In the 1980s and early in the 1990s, a board game/pen and paper game called Dungeons And Dragons
had already spread around the world. The game mechanics involved players creating characters that they would control with the roll of a dice in an imaginary world full of magic and mystical creatures.
Because the game relied on random rolls of the dice, and a good background story, it wasn't so long before the game was digitized and turned into a successful series of D&D computer games. From the early Bard's Tale and Neverwinter Nights games to the incredibly well designed Baldur's Gate series, the role playing game
genre was born.
Since I decided to give you a quick description for the most important genres of computer gaming, I couldn't omit the first person shooter
genre and the game that started it all: Doom.
In 1993, id Software created a game that would revolutionize gaming and the adjacent segment of the industry for years to come. In Doom, you play a marine who was deported to Mars because he assaulted an officer. Upon reaching Mars, he is enlisted in the Union Aerospace Corporation, a corporation that secretly conducted experiments with teleportation between the two moons of Mars. As you can probably guess, the experiments go terribly wrong and... that's where you come in.
Since the game was released in 1993, the technology didn't allow for very advanced storytelling, therefore the developer relied on the background story written in the manual (which I have just resumed) in order to pump the player up.
Although not the first (Maze War was the first of the genre), its great engine and multiplayer support made Doom the most important title in FPS history. Another revolutionary FPS was Half-Life, which also revolutionized the genre in 1998, by introducing a story that was told not through cutscenes or other simpler means but revolved around the main character through a series of incredibly well scripted sequences and well written dialogue.
As we were nearing the year 2000, consoles had advanced in technology to a level that could rival computers, companies that were once making “games by gamers for gamers” were now more concerned with the financial aspect of the industry and the computer gaming industry's Golden Age had ended.
A war would break loose. A war of commercial gaming, in which companies tried their best to outclass consoles and their manufacturers started. None of the two industries have yet recovered, with titles tending to be more and more commercial and less gamer-oriented. Of course, there are exceptions but not enough to change the situation.

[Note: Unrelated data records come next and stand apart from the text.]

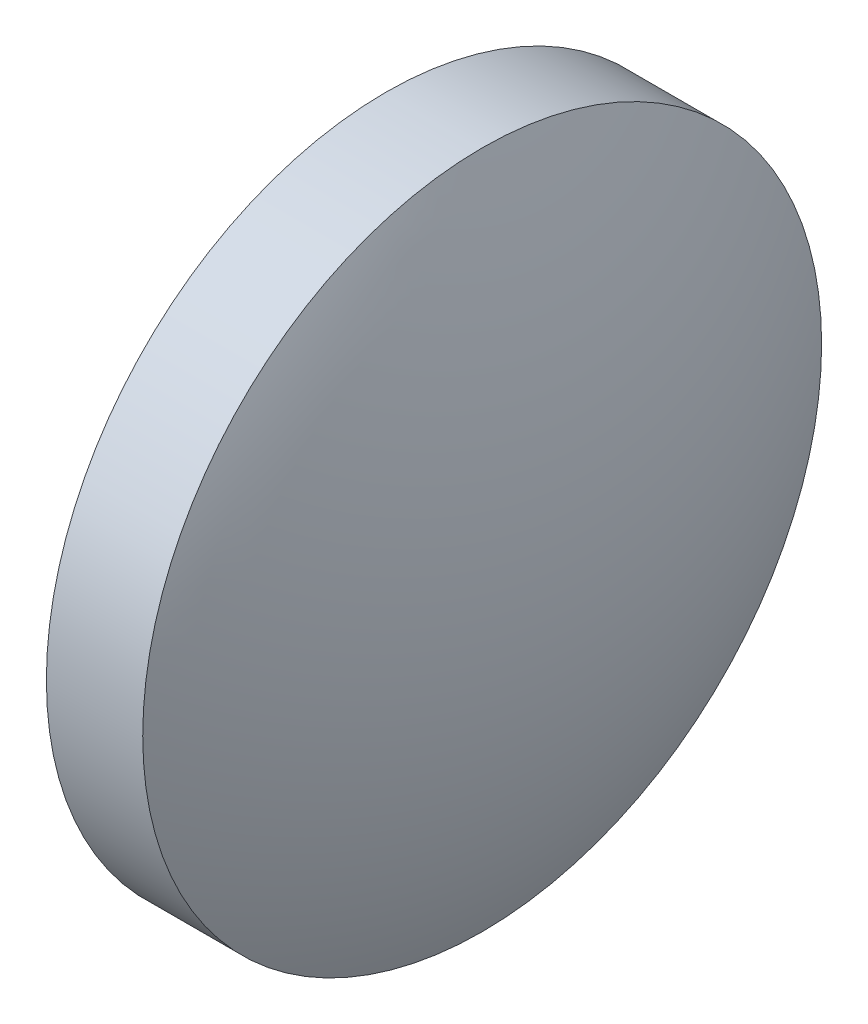
from build123d import *


with BuildPart() as part:
    # Sketch1 → Revolve4 (revolve)
    with BuildSketch(Plane.XY):
        with BuildLine():
            Line((14.64, 0), (9.94, 0))
            ThreePointArc((9.94, 0), (10.306801284, 3.256593068), (11.38882492, 6.35))
            Line((11.38882492, 6.35), (13.19117508, 6.35))
            ThreePointArc((13.19117508, 6.35), (14.273198716, 3.256593068), (14.64, 0))
        make_face()
    revolve(axis=Axis((14.64, 0, 0), (-1, 0, 0)))


solid = part.part
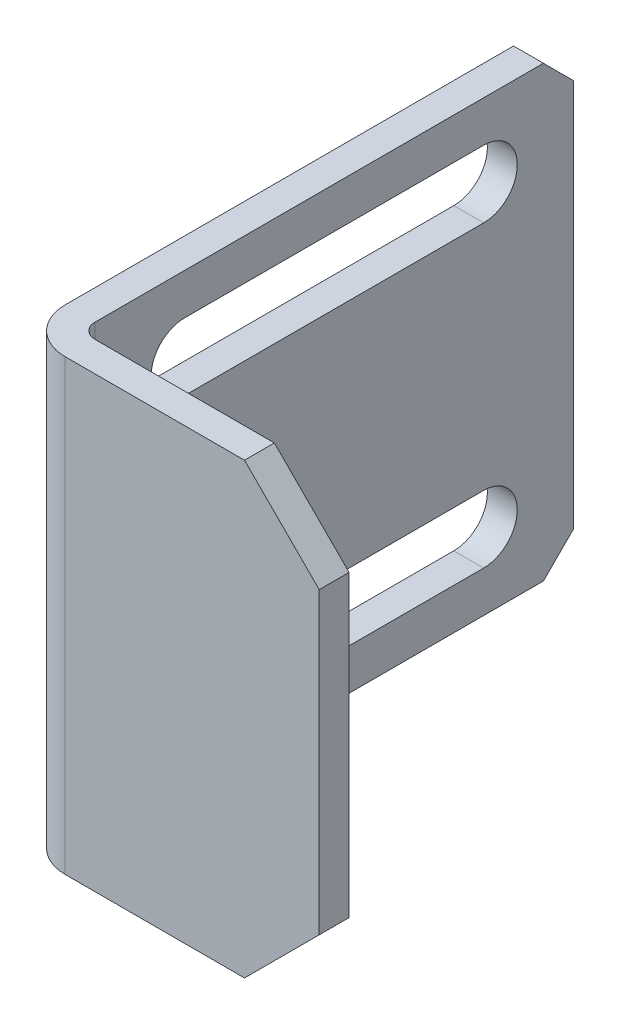
SolidWorks part; units mm, degrees
ref_plane "Front Plane" through (0, 0, 0) normal (0, 0, 1) x (1, 0, 0)
ref_plane "Top Plane" through (0, 0, 0) normal (0, 1, 0) x (1, 0, 0)
ref_plane "Right Plane" through (0, 0, 0) normal (1, 0, 0) x (0, 0, -1)
sketch "Sketch1" plane through (0, 0, 0) normal (0, 1, 0) x (1, 0, 0)
  line L1 (0, 0) -> (20, 0)
  line L2 (0, 0) -> (0, 35)
  line L3 (0, 35) -> (2, 35)
  line L4 (20, 0) -> (20, 2)
  line L7 (20, 2) -> (2, 2)
  line L8 (2, 35) -> (2, 2)
  dimension "D1" = 2
  dimension "D2" = 2
  dimension "D3" = 20
  dimension "D4" = 35
extrude "Boss-Extrude1" add sketch "Sketch1" along normal blind 30
sketch "Sketch3" plane through (2, 0, 0) normal (1, 0, 0) x (0, 0, -1)
  line L0 (0, 15) -> (50000, 15) construction
  line L1 (0, 30) -> (0, 0) construction
  line L2 (35, 30) -> (35, 0) construction
  circle A0 centre (29, 25) radius 2.25
  circle A1 centre (29, 5) radius 2.25
  point P4 (0, 15)
  dimension "D1" = 20
  dimension "D2" = 6
  dimension "D3" = 4.5
extrude "Cut-Extrude2" cut sketch "Sketch3" against normal blind 10
chamfer "Chamfer2" distance 2 angle 45 2 edges at (1, 30, -35) (1, 0, -35)
fillet "Fillet1" radius 1 1 edges at (2, 15, -2)
fillet "Fillet2" radius 3 1 edges at (0, 15, 0)
chamfer "Chamfer3" distance 5 angle 45 2 edges at (20, 30, -1) (20, 0, -1)
sketch "Sketch4" plane through (2, 0, 0) normal (1, 0, 0) x (0, 0, -1)
  line L0 (29, 5) -> (9, 5) construction
  line L1 (29, 2.75) -> (9, 2.75)
  line L2 (29, 7.25) -> (9, 7.25)
  line L3 (25, 15) -> (50025, 15) construction
  line L4 (35, 28) -> (35, 2) construction
  line L5 (29, 25) -> (9, 25) construction
  line L6 (29, 27.25) -> (9, 27.25)
  line L7 (29, 22.75) -> (9, 22.75)
  arc A0 (29, 2.75) -> (29, 7.25) centre (29, 5) ccw
  arc A1 (9, 7.25) -> (9, 2.75) centre (9, 5) ccw
  arc A2 (29, 27.25) -> (29, 22.75) centre (29, 25) cw
  arc A3 (9, 22.75) -> (9, 27.25) centre (9, 25) cw
  circle A4 centre (29, 25) radius 2.25 construction
  point P3 (19, 5)
  point P12 (35, 15)
  point P15 (19, 25)
  dimension "D1" = 20
extrude "Cut-Extrude3" cut sketch "Sketch4" against normal blind 10

Even if there are plenty of other titles that have marked the history of gaming from Ancient times to the present day, we live in an age of high-speed; thus, my article has to be as compact as possible. In the end, I will try and make an honorable mention list of titles that should have made it into the history of gaming but didn't due to lack of space.
The honorable mention goes to: Billiards and all of its forms, different forms of tennis such as Badminton and Ping Pong, Swimming, Extreme sports, every other video and computer game that marked history such as Carmageddon, Resident Evil franchise, Silent Hill franchise, Need For Speed series, Fallout, Street Fighter and Mortal Kombat, World of Warcraft and many others.
From ancient game of honor and respect to international competitions and commercial titles, THE GAME has indeed an interesting history with a lot of pages that have yet to be written.
Even though I have done extensive research regarding this subject (seeing how I grew up an evolved around gaming) and I have attempted a fair classification of the most important games that have left their marks on history, it is impossible to write a complete and correct history of gaming in just a few pages. One thing you can be sure of is that those that haven’t been mentioned today will be featured in a future article.